Minimum Subscription (Section 39)
This is a crucial investor protection mechanism. Minimum Subscription refers to the minimum amount of capital that a company must raise from its public issue to proceed with the allotment. This amount is stated in the prospectus and represents the funds required for the projects or purposes mentioned therein (e.g., purchasing machinery, working capital).
- Requirement: As per Section 39(1), no allotment of any securities of a company offered to the public for subscription shall be made unless the amount of minimum subscription has been subscribed and the sums payable on application for such amount have been paid to and received by the company.
- SEBI Guideline: For listed companies, the Securities and Exchange Board of India (SEBI) has mandated that the minimum subscription shall be 90% of the offer. If the company fails to receive 90% subscription, the issue is considered failed.
- Time Limit: The company must receive the minimum subscription within 30 days from the date of issue of the prospectus (or such other period as may be specified by SEBI).
- Consequence of Failure: If the minimum subscription is not received within the specified time, the company must refund all application money received within 15 days from the closure of the issue.
Filing of Return of Allotment (Section 39(4))
Whenever a company having a share capital makes any allotment of securities, it has a statutory obligation to report this to the Registrar of Companies (RoC).

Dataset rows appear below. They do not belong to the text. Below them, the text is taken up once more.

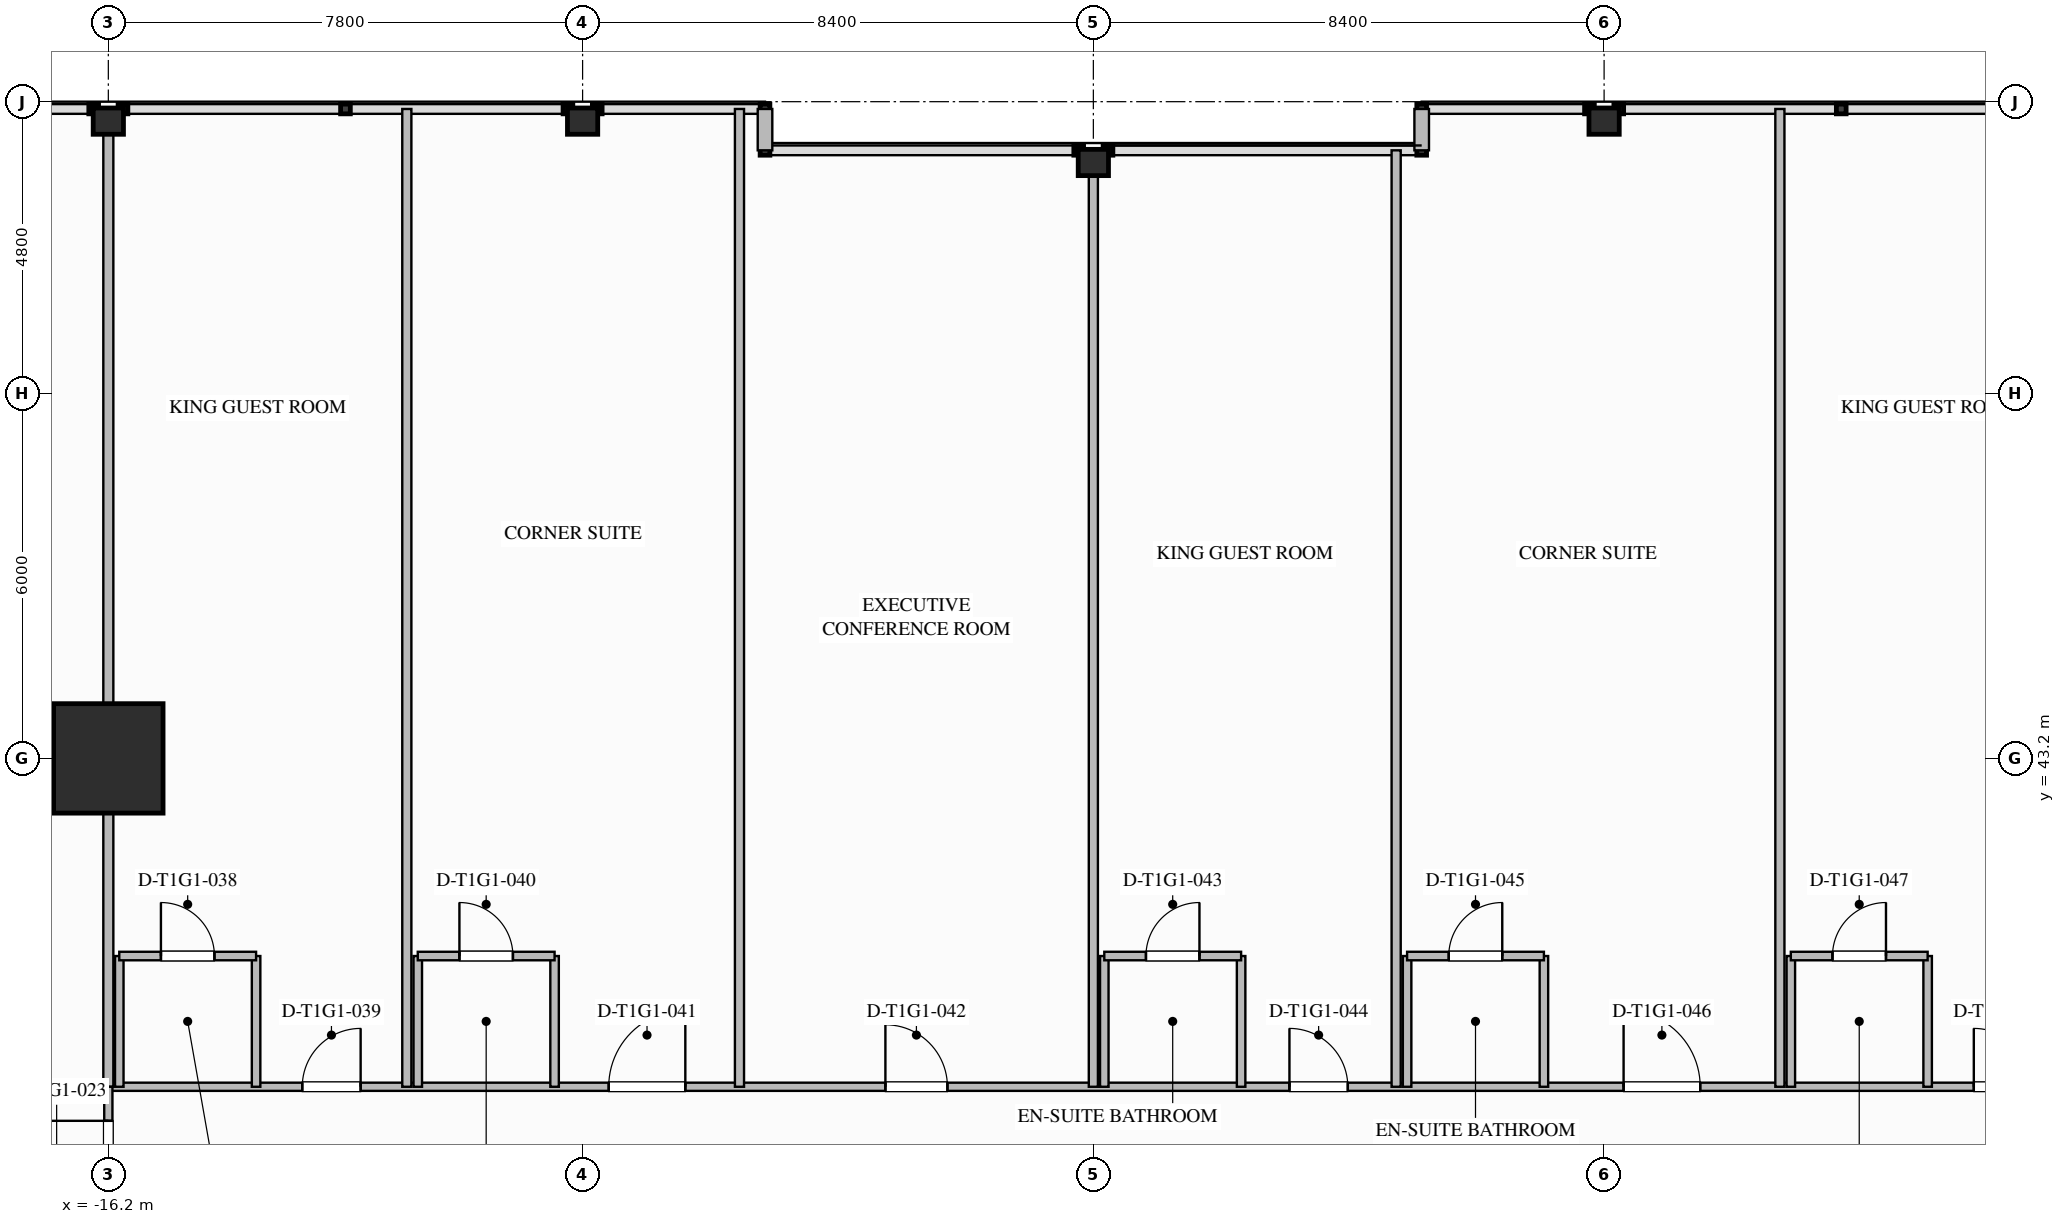
"""IFC4 building model, lengths in metres.
Left out: names, types, materials, properties, quantities, classifications, styles, units other than length and angle.
Written with IfcOpenShell. Run it as: python <this file> out.ifc"""

import sys

from ifc_helpers import new_model, si_unit, direction, frame, frame_2d, origin, origin_2d, place, context, subcontext, project, spatial, rectangle, i_section, extrude, element, fill, save


model = new_model("IFC4")
c1 = context("Model", 3, precision=1e-05, world=origin(), true_north=direction((0.0, 1.0)))
c2 = subcontext(c1, "Body", "Model", "MODEL_VIEW")
j1 = project(units=[si_unit("LENGTHUNIT", "METRE"), si_unit("PLANEANGLEUNIT", "RADIAN")], contexts=[c1])
p1 = place(None, origin())
s1 = spatial("IfcSite", under=j1, at=p1, CompositionType="ELEMENT")
p2 = place(p1, origin())
s2 = spatial("IfcBuilding", under=s1, at=p2, CompositionType="ELEMENT")
p3 = place(p2, frame((0.0, 0.0, 36.7)))
s3 = spatial("IfcBuildingStorey", under=s2, at=p3, CompositionType="ELEMENT", Elevation=36.7)
p4 = place(p3, frame((-16.2, 43.2, 0.0), z_axis=(0.0, 0.0, 1.0), x_axis=(1.0, 0.0, 0.0)))
e1 = element("IfcColumn", 1, at=p4, inside=s3, PredefinedType="COLUMN", context=c2, shape_type="SweptSolid", body=[
    extrude(rectangle(XDim=1.8, YDim=1.8, at=origin_2d()), origin(), (0.0, 0.0, 1.0), 3.5),
])
for number, where, z_axis, x_axis in (
    (2, (-16.2, 53.68, 0.0), (0.0, 0.0, 1.0), (0.0, 1.0, 0.0)),
    (3, (-8.4, 53.68, 0.0), (0.0, 0.0, 1.0), (0.0, 1.0, 0.0)),
    (4, (0.0, 53.0, 0.0), (0.0, 0.0, 1.0), (0.0, 1.0, 0.0)),
    (5, (8.4, 53.68, 0.0), (0.0, 0.0, 1.0), (0.0, 1.0, 0.0)),
):
    element("IfcColumn", number, at=place(p3, frame(where, z_axis=z_axis, x_axis=x_axis)), inside=s3, PredefinedType="COLUMN", context=c2, shape_type="SweptSolid", body=[
        extrude(i_section(OverallWidth=0.432, OverallDepth=0.498, WebThickness=0.056, FlangeThickness=0.089, FilletRadius=0.03, at=origin_2d()), origin(), (0.0, 0.0, 1.0), 3.497),
    ])
for number, where, z_axis, x_axis in (
    (6, (-5.4, 53.88, 0.0), (0.0, 0.0, 1.0), (0.0, -1.0, 0.0)),
    (7, (5.4, 53.2, 0.0), (0.0, 0.0, 1.0), (0.0, 1.0, 0.0)),
):
    element("IfcWall", number, at=place(p3, frame(where, z_axis=z_axis, x_axis=x_axis)), inside=s3, PredefinedType="STANDARD", context=c2, shape_type="SweptSolid", body=[
        extrude(rectangle(XDim=0.68, YDim=0.24, at=frame_2d((0.34, 0.0))), origin(), (0.0, 0.0, 1.0), 3.24),
    ])
p5 = place(p3, frame((-16.2, 37.8, 0.0), z_axis=(0.0, 0.0, 1.0), x_axis=(1.0, 0.0, 0.0)))
e8 = element("IfcWall", 8, at=p5, inside=s3, PredefinedType="PARTITIONING", context=c2, shape_type="SweptSolid", body=[
    extrude(rectangle(XDim=32.4, YDim=0.135, at=frame_2d((16.2, 0.0))), origin(), (0.0, 0.0, 1.0), 3.24),
])
p6 = place(p5, frame((3.189, 0.0, 0.0)))
e9 = element("IfcOpeningElement", 9, at=p6, cuts=e8, PredefinedType="OPENING", context=c2, shape_type="SweptSolid", body=[
    extrude(rectangle(XDim=0.96, YDim=2.15, at=frame_2d((0.48, 1.075))), frame((0.0, 0.077, 0.0), z_axis=(0.0, -1.0, 0.0), x_axis=(1.0, 0.0, 0.0)), (0.0, 0.0, 1.0), 0.155),
])
p7 = place(p5, frame((8.229, 0.0, 0.0)))
e10 = element("IfcOpeningElement", 10, at=p7, cuts=e8, PredefinedType="OPENING", context=c2, shape_type="SweptSolid", body=[
    extrude(rectangle(XDim=1.26, YDim=2.2, at=frame_2d((0.63, 1.1))), frame((0.0, 0.077, 0.0), z_axis=(0.0, -1.0, 0.0), x_axis=(1.0, 0.0, 0.0)), (0.0, 0.0, 1.0), 0.155),
])
p8 = place(p5, frame((12.78, 0.0, 0.0)))
e11 = element("IfcOpeningElement", 11, at=p8, cuts=e8, PredefinedType="OPENING", context=c2, shape_type="SweptSolid", body=[
    extrude(rectangle(XDim=1.02, YDim=2.15, at=frame_2d((0.51, 1.075))), frame((0.0, 0.077, 0.0), z_axis=(0.0, -1.0, 0.0), x_axis=(1.0, 0.0, 0.0)), (0.0, 0.0, 1.0), 0.155),
])
p9 = place(p5, frame((19.425, 0.0, 0.0)))
e12 = element("IfcOpeningElement", 12, at=p9, cuts=e8, PredefinedType="OPENING", context=c2, shape_type="SweptSolid", body=[
    extrude(rectangle(XDim=0.96, YDim=2.15, at=frame_2d((0.48, 1.075))), frame((0.0, 0.077, 0.0), z_axis=(0.0, -1.0, 0.0), x_axis=(1.0, 0.0, 0.0)), (0.0, 0.0, 1.0), 0.155),
])
p10 = place(p5, frame((24.92, 0.0, 0.0)))
e13 = element("IfcOpeningElement", 13, at=p10, cuts=e8, PredefinedType="OPENING", context=c2, shape_type="SweptSolid", body=[
    extrude(rectangle(XDim=1.26, YDim=2.2, at=frame_2d((0.63, 1.1))), frame((0.0, 0.077, 0.0), z_axis=(0.0, -1.0, 0.0), x_axis=(1.0, 0.0, 0.0)), (0.0, 0.0, 1.0), 0.155),
])
p11 = place(p5, frame((30.68, 0.0, 0.0)))
e14 = element("IfcOpeningElement", 14, at=p11, cuts=e8, PredefinedType="OPENING", context=c2, shape_type="SweptSolid", body=[
    extrude(rectangle(XDim=0.96, YDim=2.15, at=frame_2d((0.48, 1.075))), frame((0.0, 0.077, 0.0), z_axis=(0.0, -1.0, 0.0), x_axis=(1.0, 0.0, 0.0)), (0.0, 0.0, 1.0), 0.155),
])
p12 = place(p3, frame((-16.2, 37.8, 0.0), z_axis=(0.0, 0.0, 1.0), x_axis=(0.0, 1.0, 0.0)))
e15 = element("IfcWall", 15, at=p12, inside=s3, PredefinedType="PARTITIONING", context=c2, shape_type="SweptSolid", body=[
    extrude(rectangle(XDim=16.08, YDim=0.165, at=frame_2d((8.04, 0.0))), origin(), (0.0, 0.0, 1.0), 2.298),
])
p13 = place(p3, frame((-16.2, 35.7, 0.0), z_axis=(0.0, 0.0, 1.0), x_axis=(0.0, 1.0, 0.0)))
e16 = element("IfcWall", 16, at=p13, inside=s3, PredefinedType="PARTITIONING", context=c2, shape_type="SweptSolid", body=[
    extrude(rectangle(XDim=2.1, YDim=0.135, at=frame_2d((1.05, 0.0))), origin(), (0.0, 0.0, 1.0), 2.298),
])
p14 = place(p13, frame((0.52, 0.0, 0.0)))
e17 = element("IfcOpeningElement", 17, at=p14, cuts=e16, PredefinedType="OPENING", context=c2, shape_type="SweptSolid", body=[
    extrude(rectangle(XDim=1.02, YDim=2.15, at=frame_2d((0.51, 1.075))), frame((0.0, 0.077, 0.0), z_axis=(0.0, -1.0, 0.0), x_axis=(1.0, 0.0, 0.0)), (0.0, 0.0, 1.0), 0.155),
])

This ensures that the RoC has an updated record of the company's shareholders and its issued capital.
- Form: The company must file a 'Return of Allotment' with the RoC in e-Form PAS-3.
- Timeline: This form must be filed within 30 days of the date of allotment.
- Contents: Form PAS-3 must contain a complete list of allottees, including their names, addresses, the number of securities allotted to each, the amount paid on each security, and other prescribed particulars. It must be accompanied by the resolution authorizing the allotment.
Penalty for Default
The Companies Act imposes penalties for non-compliance with the provisions related to allotment to ensure strict adherence.
Penalty for not refunding application money
If a company fails to receive the minimum subscription and does not refund the application money within the prescribed time, the company and its officers who are in default shall be jointly and severally liable to repay that money with interest at the rate of 15% per annum for the period of delay.
Penalty for not filing Return of Allotment
As per Section 39(5), if a company defaults in filing the Return of Allotment (Form PAS-3) within the prescribed 30-day period, the company and its officer who is in default shall be liable to a penalty of one thousand rupees (₹1,000) for each day during which such default continues or one lakh rupees (₹1,00,000), whichever is less.